A Novel Bayesian Change-point Algorithm for Genome-wide Analysis of Diverse ChIPseq Data Types
12:39

A Novel Bayesian Change-point Algorithm for Genome-wide Analysis of Diverse ChIPseq Data Types

Published on: December 10, 2012

The humble Bayesian: model checking from a fully Bayesian perspective.
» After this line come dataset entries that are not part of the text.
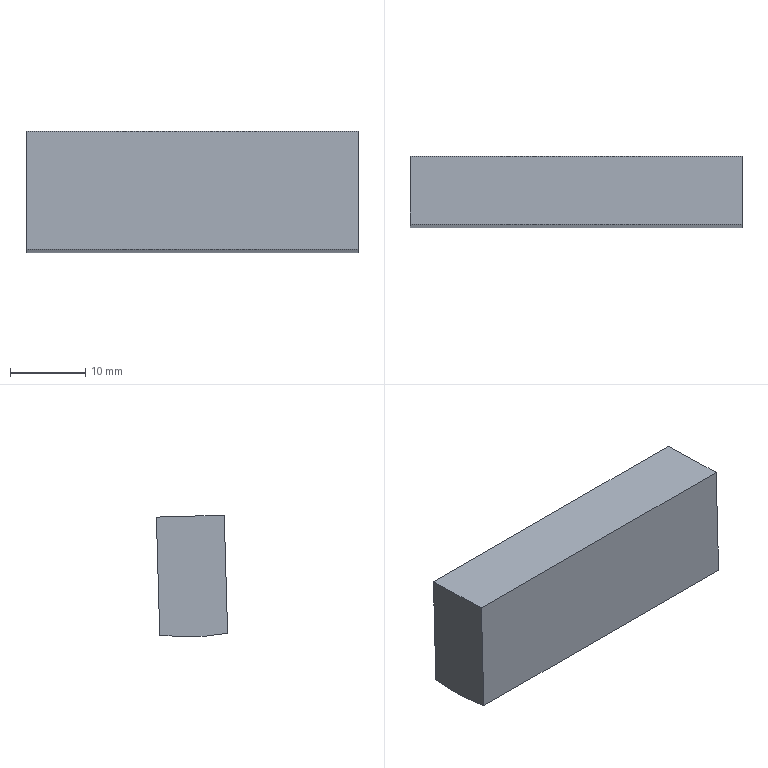Component | NX | VANE_2 | 1 solid | 6 faces | box 44 x 9.44 x 16.13 mm | volume 6290 mm3 | plane 5 | cylinder 1 | commonest cylinder face diameters 58 x1
STEP:
#1=CARTESIAN_POINT('',(0.,0.,0.));
#2=DIRECTION('',(0.,0.,1.));
#3=DIRECTION('',(1.,0.,0.));
#4=AXIS2_PLACEMENT_3D('',#1,#2,#3);
#5=CARTESIAN_POINT('',(-2.,-4.855,-2.832));
#6=VERTEX_POINT('',#5);
#7=CARTESIAN_POINT('',(-2.,-5.302,-18.475));
#8=VERTEX_POINT('',#7);
#9=CARTESIAN_POINT('',(-2.,-4.855,-2.832));
#10=DIRECTION('',(0.,-0.0286,-0.9996));
#11=VECTOR('',#10,1.);
#12=LINE('',#9,#11);
#13=CARTESIAN_POINT('',(42.,-4.855,-2.832));
#14=DIRECTION('',(0.,0.9996,-0.0286));
#15=DIRECTION('',(0.,0.0286,0.9996));
#16=AXIS2_PLACEMENT_3D('',#13,#14,#15);
#17=PLANE('',#16);
#18=CARTESIAN_POINT('',(0.,-44.));
#19=DIRECTION('',(-1.,0.));
#20=VECTOR('',#19,1.);
#21=LINE('',#18,#20);
#22=(GEOMETRIC_REPRESENTATION_CONTEXT(2)PARAMETRIC_REPRESENTATION_CONTEXT()REPRESENTATION_CONTEXT('',''));
#23=DEFINITIONAL_REPRESENTATION('',(#21),#22);
#24=PCURVE('',#17,#23);
#25=CARTESIAN_POINT('',(-2.,0.01527,10.034));
#26=DIRECTION('',(1.,0.,0.));
#27=DIRECTION('',(0.,0.0286,0.9996));
#28=AXIS2_PLACEMENT_3D('',#25,#26,#27);
#29=PLANE('',#28);
#30=CARTESIAN_POINT('',(-13.,4.5));
#31=DIRECTION('',(-1.,0.));
#32=VECTOR('',#31,1.);
#33=LINE('',#30,#32);
#34=(GEOMETRIC_REPRESENTATION_CONTEXT(2)PARAMETRIC_REPRESENTATION_CONTEXT()REPRESENTATION_CONTEXT('',''));
#35=DEFINITIONAL_REPRESENTATION('',(#33),#34);
#36=PCURVE('',#29,#35);
#37=SURFACE_CURVE('',#12,(#24,#36),.PCURVE_S1.);
#38=EDGE_CURVE('',#6,#8,#37,.T.);
#39=ORIENTED_EDGE('',*,*,#38,.T.);
#40=CARTESIAN_POINT('',(42.,-5.302,-18.475));
#41=VERTEX_POINT('',#40);
#42=CARTESIAN_POINT('',(42.,-5.302,-18.475));
#43=DIRECTION('',(-1.,0.,0.));
#44=VECTOR('',#43,1.);
#45=LINE('',#42,#44);
#46=CARTESIAN_POINT('',(-15.649,0.));
#47=DIRECTION('',(0.,-1.));
#48=VECTOR('',#47,1.);
#49=LINE('',#46,#48);
#50=(GEOMETRIC_REPRESENTATION_CONTEXT(2)PARAMETRIC_REPRESENTATION_CONTEXT()REPRESENTATION_CONTEXT('',''));
#51=DEFINITIONAL_REPRESENTATION('',(#49),#50);
#52=PCURVE('',#17,#51);
#53=CARTESIAN_POINT('',(42.,0.01527,10.034));
#54=DIRECTION('',(-1.,0.,0.));
#55=DIRECTION('',(0.,-0.0286,-0.9996));
#56=AXIS2_PLACEMENT_3D('',#53,#54,#55);
#57=CYLINDRICAL_SURFACE('',#56,29.);
#58=CARTESIAN_POINT('',(6.439,0.));
#59=DIRECTION('',(0.,1.));
#60=VECTOR('',#59,1.);
#61=LINE('',#58,#60);
#62=(GEOMETRIC_REPRESENTATION_CONTEXT(2)PARAMETRIC_REPRESENTATION_CONTEXT()REPRESENTATION_CONTEXT('',''));
#63=DEFINITIONAL_REPRESENTATION('',(#61),#62);
#64=PCURVE('',#57,#63);
#65=SURFACE_CURVE('',#45,(#52,#64),.PCURVE_S1.);
#66=EDGE_CURVE('',#41,#8,#65,.T.);
#67=ORIENTED_EDGE('',*,*,#66,.F.);
#68=CARTESIAN_POINT('',(42.,-4.855,-2.832));
#69=VERTEX_POINT('',#68);
#70=CARTESIAN_POINT('',(42.,-4.855,-2.832));
#71=DIRECTION('',(0.,-0.0286,-0.9996));
#72=VECTOR('',#71,1.);
#73=LINE('',#70,#72);
#74=CARTESIAN_POINT('',(0.,0.));
#75=DIRECTION('',(-1.,0.));
#76=VECTOR('',#75,1.);
#77=LINE('',#74,#76);
#78=(GEOMETRIC_REPRESENTATION_CONTEXT(2)PARAMETRIC_REPRESENTATION_CONTEXT()REPRESENTATION_CONTEXT('',''));
#79=DEFINITIONAL_REPRESENTATION('',(#77),#78);
#80=PCURVE('',#17,#79);
#81=CARTESIAN_POINT('',(42.,0.01527,10.034));
#82=DIRECTION('',(1.,0.,0.));
#83=DIRECTION('',(0.,0.0286,0.9996));
#84=AXIS2_PLACEMENT_3D('',#81,#82,#83);
#85=PLANE('',#84);
#86=CARTESIAN_POINT('',(-13.,4.5));
#87=DIRECTION('',(-1.,0.));
#88=VECTOR('',#87,1.);
#89=LINE('',#86,#88);
#90=(GEOMETRIC_REPRESENTATION_CONTEXT(2)PARAMETRIC_REPRESENTATION_CONTEXT()REPRESENTATION_CONTEXT('',''));
#91=DEFINITIONAL_REPRESENTATION('',(#89),#90);
#92=PCURVE('',#85,#91);
#93=SURFACE_CURVE('',#73,(#80,#92),.PCURVE_S1.);
#94=EDGE_CURVE('',#69,#41,#93,.T.);
#95=ORIENTED_EDGE('',*,*,#94,.F.);
#96=CARTESIAN_POINT('',(42.,-4.855,-2.832));
#97=DIRECTION('',(-1.,0.,0.));
#98=VECTOR('',#97,1.);
#99=LINE('',#96,#98);
#100=CARTESIAN_POINT('',(0.,0.));
#101=DIRECTION('',(0.,-1.));
#102=VECTOR('',#101,1.);
#103=LINE('',#100,#102);
#104=(GEOMETRIC_REPRESENTATION_CONTEXT(2)PARAMETRIC_REPRESENTATION_CONTEXT()REPRESENTATION_CONTEXT('',''));
#105=DEFINITIONAL_REPRESENTATION('',(#103),#104);
#106=PCURVE('',#17,#105);
#107=CARTESIAN_POINT('',(42.,-0.3566,-2.961));
#108=DIRECTION('',(0.,-0.0286,-0.9996));
#109=DIRECTION('',(1.,0.,0.));
#110=AXIS2_PLACEMENT_3D('',#107,#108,#109);
#111=PLANE('',#110);
#112=CARTESIAN_POINT('',(0.,4.5));
#113=DIRECTION('',(-1.,0.));
#114=VECTOR('',#113,1.);
#115=LINE('',#112,#114);
#116=(GEOMETRIC_REPRESENTATION_CONTEXT(2)PARAMETRIC_REPRESENTATION_CONTEXT()REPRESENTATION_CONTEXT('',''));
#117=DEFINITIONAL_REPRESENTATION('',(#115),#116);
#118=PCURVE('',#111,#117);
#119=SURFACE_CURVE('',#99,(#106,#118),.PCURVE_S1.);
#120=EDGE_CURVE('',#69,#6,#119,.T.);
#121=ORIENTED_EDGE('',*,*,#120,.T.);
#122=EDGE_LOOP('',(#39,#67,#95,#121));
#123=FACE_BOUND('',#122,.T.);
#124=ADVANCED_FACE('',(#123),#17,.F.);
#125=CARTESIAN_POINT('',(-2.,3.694,-18.732));
#126=VERTEX_POINT('',#125);
#127=CARTESIAN_POINT('',(-2.,0.01527,10.034));
#128=DIRECTION('',(1.,0.,0.));
#129=DIRECTION('',(0.,-0.9996,0.0286));
#130=AXIS2_PLACEMENT_3D('',#127,#128,#129);
#131=CIRCLE('',#130,29.);
#132=CARTESIAN_POINT('',(7.854,44.));
#133=DIRECTION('',(-1.,0.));
#134=VECTOR('',#133,1.);
#135=LINE('',#132,#134);
#136=(GEOMETRIC_REPRESENTATION_CONTEXT(2)PARAMETRIC_REPRESENTATION_CONTEXT()REPRESENTATION_CONTEXT('',''));
#137=DEFINITIONAL_REPRESENTATION('',(#135),#136);
#138=PCURVE('',#57,#137);
#139=CARTESIAN_POINT('',(0.,0.));
#140=DIRECTION('',(0.,1.));
#141=AXIS2_PLACEMENT_2D('',#139,#140);
#142=CIRCLE('',#141,29.);
#143=(GEOMETRIC_REPRESENTATION_CONTEXT(2)PARAMETRIC_REPRESENTATION_CONTEXT()REPRESENTATION_CONTEXT('',''));
#144=DEFINITIONAL_REPRESENTATION('',(#142),#143);
#145=PCURVE('',#29,#144);
#146=SURFACE_CURVE('',#131,(#138,#145),.PCURVE_S1.);
#147=EDGE_CURVE('',#8,#126,#146,.T.);
#148=ORIENTED_EDGE('',*,*,#147,.T.);
#149=CARTESIAN_POINT('',(42.,3.694,-18.732));
#150=VERTEX_POINT('',#149);
#151=CARTESIAN_POINT('',(42.,3.694,-18.732));
#152=DIRECTION('',(-1.,0.,0.));
#153=VECTOR('',#152,1.);
#154=LINE('',#151,#153);
#155=CARTESIAN_POINT('',(6.127,0.));
#156=DIRECTION('',(0.,1.));
#157=VECTOR('',#156,1.);
#158=LINE('',#155,#157);
#159=(GEOMETRIC_REPRESENTATION_CONTEXT(2)PARAMETRIC_REPRESENTATION_CONTEXT()REPRESENTATION_CONTEXT('',''));
#160=DEFINITIONAL_REPRESENTATION('',(#158),#159);
#161=PCURVE('',#57,#160);
#162=CARTESIAN_POINT('',(42.,3.694,-18.732));
#163=DIRECTION('',(0.,-0.9996,0.0286));
#164=DIRECTION('',(0.,-0.0286,-0.9996));
#165=AXIS2_PLACEMENT_3D('',#162,#163,#164);
#166=PLANE('',#165);
#167=CARTESIAN_POINT('',(-0.,0.));
#168=DIRECTION('',(0.,-1.));
#169=VECTOR('',#168,1.);
#170=LINE('',#167,#169);
#171=(GEOMETRIC_REPRESENTATION_CONTEXT(2)PARAMETRIC_REPRESENTATION_CONTEXT()REPRESENTATION_CONTEXT('',''));
#172=DEFINITIONAL_REPRESENTATION('',(#170),#171);
#173=PCURVE('',#166,#172);
#174=SURFACE_CURVE('',#154,(#161,#173),.PCURVE_S1.);
#175=EDGE_CURVE('',#150,#126,#174,.T.);
#176=ORIENTED_EDGE('',*,*,#175,.F.);
#177=CARTESIAN_POINT('',(42.,0.01527,10.034));
#178=DIRECTION('',(1.,0.,0.));
#179=DIRECTION('',(0.,-0.9996,0.0286));
#180=AXIS2_PLACEMENT_3D('',#177,#178,#179);
#181=CIRCLE('',#180,29.);
#182=CARTESIAN_POINT('',(7.854,0.));
#183=DIRECTION('',(-1.,0.));
#184=VECTOR('',#183,1.);
#185=LINE('',#182,#184);
#186=(GEOMETRIC_REPRESENTATION_CONTEXT(2)PARAMETRIC_REPRESENTATION_CONTEXT()REPRESENTATION_CONTEXT('',''));
#187=DEFINITIONAL_REPRESENTATION('',(#185),#186);
#188=PCURVE('',#57,#187);
#189=CARTESIAN_POINT('',(0.,0.));
#190=DIRECTION('',(0.,1.));
#191=AXIS2_PLACEMENT_2D('',#189,#190);
#192=CIRCLE('',#191,29.);
#193=(GEOMETRIC_REPRESENTATION_CONTEXT(2)PARAMETRIC_REPRESENTATION_CONTEXT()REPRESENTATION_CONTEXT('',''));
#194=DEFINITIONAL_REPRESENTATION('',(#192),#193);
#195=PCURVE('',#85,#194);
#196=SURFACE_CURVE('',#181,(#188,#195),.PCURVE_S1.);
#197=EDGE_CURVE('',#41,#150,#196,.T.);
#198=ORIENTED_EDGE('',*,*,#197,.F.);
#199=ORIENTED_EDGE('',*,*,#66,.T.);
#200=EDGE_LOOP('',(#148,#176,#198,#199));
#201=FACE_BOUND('',#200,.T.);
#202=ADVANCED_FACE('',(#201),#57,.T.);
#203=CARTESIAN_POINT('',(-2.,4.142,-3.09));
#204=VERTEX_POINT('',#203);
#205=CARTESIAN_POINT('',(-2.,3.694,-18.732));
#206=DIRECTION('',(0.,0.0286,0.9996));
#207=VECTOR('',#206,1.);
#208=LINE('',#205,#207);
#209=CARTESIAN_POINT('',(0.,-44.));
#210=DIRECTION('',(-1.,0.));
#211=VECTOR('',#210,1.);
#212=LINE('',#209,#211);
#213=(GEOMETRIC_REPRESENTATION_CONTEXT(2)PARAMETRIC_REPRESENTATION_CONTEXT()REPRESENTATION_CONTEXT('',''));
#214=DEFINITIONAL_REPRESENTATION('',(#212),#213);
#215=PCURVE('',#166,#214);
#216=CARTESIAN_POINT('',(-28.649,-4.5));
#217=DIRECTION('',(1.,0.));
#218=VECTOR('',#217,1.);
#219=LINE('',#216,#218);
#220=(GEOMETRIC_REPRESENTATION_CONTEXT(2)PARAMETRIC_REPRESENTATION_CONTEXT()REPRESENTATION_CONTEXT('',''));
#221=DEFINITIONAL_REPRESENTATION('',(#219),#220);
#222=PCURVE('',#29,#221);
#223=SURFACE_CURVE('',#208,(#215,#222),.PCURVE_S1.);
#224=EDGE_CURVE('',#126,#204,#223,.T.);
#225=ORIENTED_EDGE('',*,*,#224,.T.);
#226=CARTESIAN_POINT('',(42.,4.142,-3.09));
#227=VERTEX_POINT('',#226);
#228=CARTESIAN_POINT('',(42.,4.142,-3.09));
#229=DIRECTION('',(-1.,0.,0.));
#230=VECTOR('',#229,1.);
#231=LINE('',#228,#230);
#232=CARTESIAN_POINT('',(-15.649,0.));
#233=DIRECTION('',(0.,-1.));
#234=VECTOR('',#233,1.);
#235=LINE('',#232,#234);
#236=(GEOMETRIC_REPRESENTATION_CONTEXT(2)PARAMETRIC_REPRESENTATION_CONTEXT()REPRESENTATION_CONTEXT('',''));
#237=DEFINITIONAL_REPRESENTATION('',(#235),#236);
#238=PCURVE('',#166,#237);
#239=CARTESIAN_POINT('',(0.,-4.5));
#240=DIRECTION('',(-1.,0.));
#241=VECTOR('',#240,1.);
#242=LINE('',#239,#241);
#243=(GEOMETRIC_REPRESENTATION_CONTEXT(2)PARAMETRIC_REPRESENTATION_CONTEXT()REPRESENTATION_CONTEXT('',''));
#244=DEFINITIONAL_REPRESENTATION('',(#242),#243);
#245=PCURVE('',#111,#244);
#246=SURFACE_CURVE('',#231,(#238,#245),.PCURVE_S1.);
#247=EDGE_CURVE('',#227,#204,#246,.T.);
#248=ORIENTED_EDGE('',*,*,#247,.F.);
#249=CARTESIAN_POINT('',(42.,3.694,-18.732));
#250=DIRECTION('',(0.,0.0286,0.9996));
#251=VECTOR('',#250,1.);
#252=LINE('',#249,#251);
#253=CARTESIAN_POINT('',(0.,0.));
#254=DIRECTION('',(-1.,0.));
#255=VECTOR('',#254,1.);
#256=LINE('',#253,#255);
#257=(GEOMETRIC_REPRESENTATION_CONTEXT(2)PARAMETRIC_REPRESENTATION_CONTEXT()REPRESENTATION_CONTEXT('',''));
#258=DEFINITIONAL_REPRESENTATION('',(#256),#257);
#259=PCURVE('',#166,#258);
#260=CARTESIAN_POINT('',(-28.649,-4.5));
#261=DIRECTION('',(1.,0.));
#262=VECTOR('',#261,1.);
#263=LINE('',#260,#262);
#264=(GEOMETRIC_REPRESENTATION_CONTEXT(2)PARAMETRIC_REPRESENTATION_CONTEXT()REPRESENTATION_CONTEXT('',''));
#265=DEFINITIONAL_REPRESENTATION('',(#263),#264);
#266=PCURVE('',#85,#265);
#267=SURFACE_CURVE('',#252,(#259,#266),.PCURVE_S1.);
#268=EDGE_CURVE('',#150,#227,#267,.T.);
#269=ORIENTED_EDGE('',*,*,#268,.F.);
#270=ORIENTED_EDGE('',*,*,#175,.T.);
#271=EDGE_LOOP('',(#225,#248,#269,#270));
#272=FACE_BOUND('',#271,.T.);
#273=ADVANCED_FACE('',(#272),#166,.F.);
#274=CARTESIAN_POINT('',(-2.,-0.3566,-2.961));
#275=DIRECTION('',(0.,-0.9996,0.0286));
#276=VECTOR('',#275,1.);
#277=LINE('',#274,#276);
#278=CARTESIAN_POINT('',(-44.,0.));
#279=DIRECTION('',(0.,1.));
#280=VECTOR('',#279,1.);
#281=LINE('',#278,#280);
#282=(GEOMETRIC_REPRESENTATION_CONTEXT(2)PARAMETRIC_REPRESENTATION_CONTEXT()REPRESENTATION_CONTEXT('',''));
#283=DEFINITIONAL_REPRESENTATION('',(#281),#282);
#284=PCURVE('',#111,#283);
#285=CARTESIAN_POINT('',(-13.,-0.));
#286=DIRECTION('',(0.,1.));
#287=VECTOR('',#286,1.);
#288=LINE('',#285,#287);
#289=(GEOMETRIC_REPRESENTATION_CONTEXT(2)PARAMETRIC_REPRESENTATION_CONTEXT()REPRESENTATION_CONTEXT('',''));
#290=DEFINITIONAL_REPRESENTATION('',(#288),#289);
#291=PCURVE('',#29,#290);
#292=SURFACE_CURVE('',#277,(#284,#291),.PCURVE_S1.);
#293=EDGE_CURVE('',#204,#6,#292,.T.);
#294=ORIENTED_EDGE('',*,*,#293,.T.);
#295=ORIENTED_EDGE('',*,*,#120,.F.);
#296=CARTESIAN_POINT('',(42.,4.142,-3.09));
#297=DIRECTION('',(0.,-0.9996,0.0286));
#298=VECTOR('',#297,1.);
#299=LINE('',#296,#298);
#300=CARTESIAN_POINT('',(0.,-4.5));
#301=DIRECTION('',(0.,1.));
#302=VECTOR('',#301,1.);
#303=LINE('',#300,#302);
#304=(GEOMETRIC_REPRESENTATION_CONTEXT(2)PARAMETRIC_REPRESENTATION_CONTEXT()REPRESENTATION_CONTEXT('',''));
#305=DEFINITIONAL_REPRESENTATION('',(#303),#304);
#306=PCURVE('',#111,#305);
#307=CARTESIAN_POINT('',(-13.,-4.5));
#308=DIRECTION('',(0.,1.));
#309=VECTOR('',#308,1.);
#310=LINE('',#307,#309);
#311=(GEOMETRIC_REPRESENTATION_CONTEXT(2)PARAMETRIC_REPRESENTATION_CONTEXT()REPRESENTATION_CONTEXT('',''));
#312=DEFINITIONAL_REPRESENTATION('',(#310),#311);
#313=PCURVE('',#85,#312);
#314=SURFACE_CURVE('',#299,(#306,#313),.PCURVE_S1.);
#315=EDGE_CURVE('',#227,#69,#314,.T.);
#316=ORIENTED_EDGE('',*,*,#315,.F.);
#317=ORIENTED_EDGE('',*,*,#247,.T.);
#318=EDGE_LOOP('',(#294,#295,#316,#317));
#319=FACE_BOUND('',#318,.T.);
#320=ADVANCED_FACE('',(#319),#111,.F.);
#321=ORIENTED_EDGE('',*,*,#94,.T.);
#322=ORIENTED_EDGE('',*,*,#197,.T.);
#323=ORIENTED_EDGE('',*,*,#268,.T.);
#324=ORIENTED_EDGE('',*,*,#315,.T.);
#325=EDGE_LOOP('',(#321,#322,#323,#324));
#326=FACE_BOUND('',#325,.T.);
#327=ADVANCED_FACE('',(#326),#85,.T.);
#328=ORIENTED_EDGE('',*,*,#38,.F.);
#329=ORIENTED_EDGE('',*,*,#293,.F.);
#330=ORIENTED_EDGE('',*,*,#224,.F.);
#331=ORIENTED_EDGE('',*,*,#147,.F.);
#332=EDGE_LOOP('',(#328,#329,#330,#331));
#333=FACE_BOUND('',#332,.T.);
#334=ADVANCED_FACE('',(#333),#29,.F.);
#335=CLOSED_SHELL('',(#124,#202,#273,#320,#327,#334));
#336=MANIFOLD_SOLID_BREP('',#335);
#337=(LENGTH_UNIT()NAMED_UNIT(*)SI_UNIT(.MILLI.,.METRE.));
#338=UNCERTAINTY_MEASURE_WITH_UNIT(LENGTH_MEASURE(0.0000001),#337,'','');
#339=(NAMED_UNIT(*)PLANE_ANGLE_UNIT()SI_UNIT($,.RADIAN.));
#340=(NAMED_UNIT(*)SI_UNIT($,.STERADIAN.)SOLID_ANGLE_UNIT());
#341=(GEOMETRIC_REPRESENTATION_CONTEXT(3)GLOBAL_UNCERTAINTY_ASSIGNED_CONTEXT((#338))GLOBAL_UNIT_ASSIGNED_CONTEXT((#337,#339,#340))REPRESENTATION_CONTEXT('',''));
#342=ADVANCED_BREP_SHAPE_REPRESENTATION('',(#4,#336),#341);

Richard D Morey1, Jan-Willem Romeijn, Jeffrey N Rouder

  • 1University of Groningen, The Netherlands. r.d.morey@rug.nl

The British Journal of Mathematical and Statistical Psychology
|September 29, 2012
PubMed
Summary
This summary is machine-generated.

This study critiques the standard Bayesian statistics narrative, proposing a humble Bayesian approach. It emphasizes Bayesian confirmation theory alongside critical model checking for robust real-world statistical inferences.

Related Experiment Videos

Last Updated: May 18, 2026

A Novel Bayesian Change-point Algorithm for Genome-wide Analysis of Diverse ChIPseq Data Types
12:39

A Novel Bayesian Change-point Algorithm for Genome-wide Analysis of Diverse ChIPseq Data Types

Published on: December 10, 2012

Area of Science:

  • Statistics
  • Bayesian Inference
  • Philosophy of Science

Background:

  • The 'usual story' in Bayesian statistics focuses solely on model distributions for inference, neglecting model checking and revision.
  • This traditional approach is criticized for being inductivist rather than deductivist.
  • Gelman and Shalizi proposed a hypothetico-deductive approach to address these limitations.

Purpose of the Study:

  • To critique the limitations of the 'usual story' in Bayesian statistics.
  • To propose an alternative 'humble Bayesian' approach.
  • To re-center Bayesian confirmation theory as a core inferential method.

Main Methods:

  • Critique of the 'usual story' in Bayesian statistics as presented by Gelman and Shalizi.
  • Advocacy for a 'humble Bayesian' framework.
  • Emphasis on integrating Bayesian confirmation theory with model checking and critical assessment.

Main Results:

  • Agreement with Gelman and Shalizi's critique of the traditional Bayesian inference model.
  • Disagreement on abandoning Bayesian confirmation theory.
  • Proposal of a humble Bayesian approach that integrates confirmation theory with rigorous model evaluation.

Conclusions:

  • The 'usual story' in Bayesian statistics is insufficient due to its neglect of model checking and deductivist reasoning.
  • Bayesian confirmation theory remains a valuable inferential tool when used within a humble Bayesian framework.
  • A humble Bayesian approach enhances statistical inference by critically assessing models and their real-world applicability.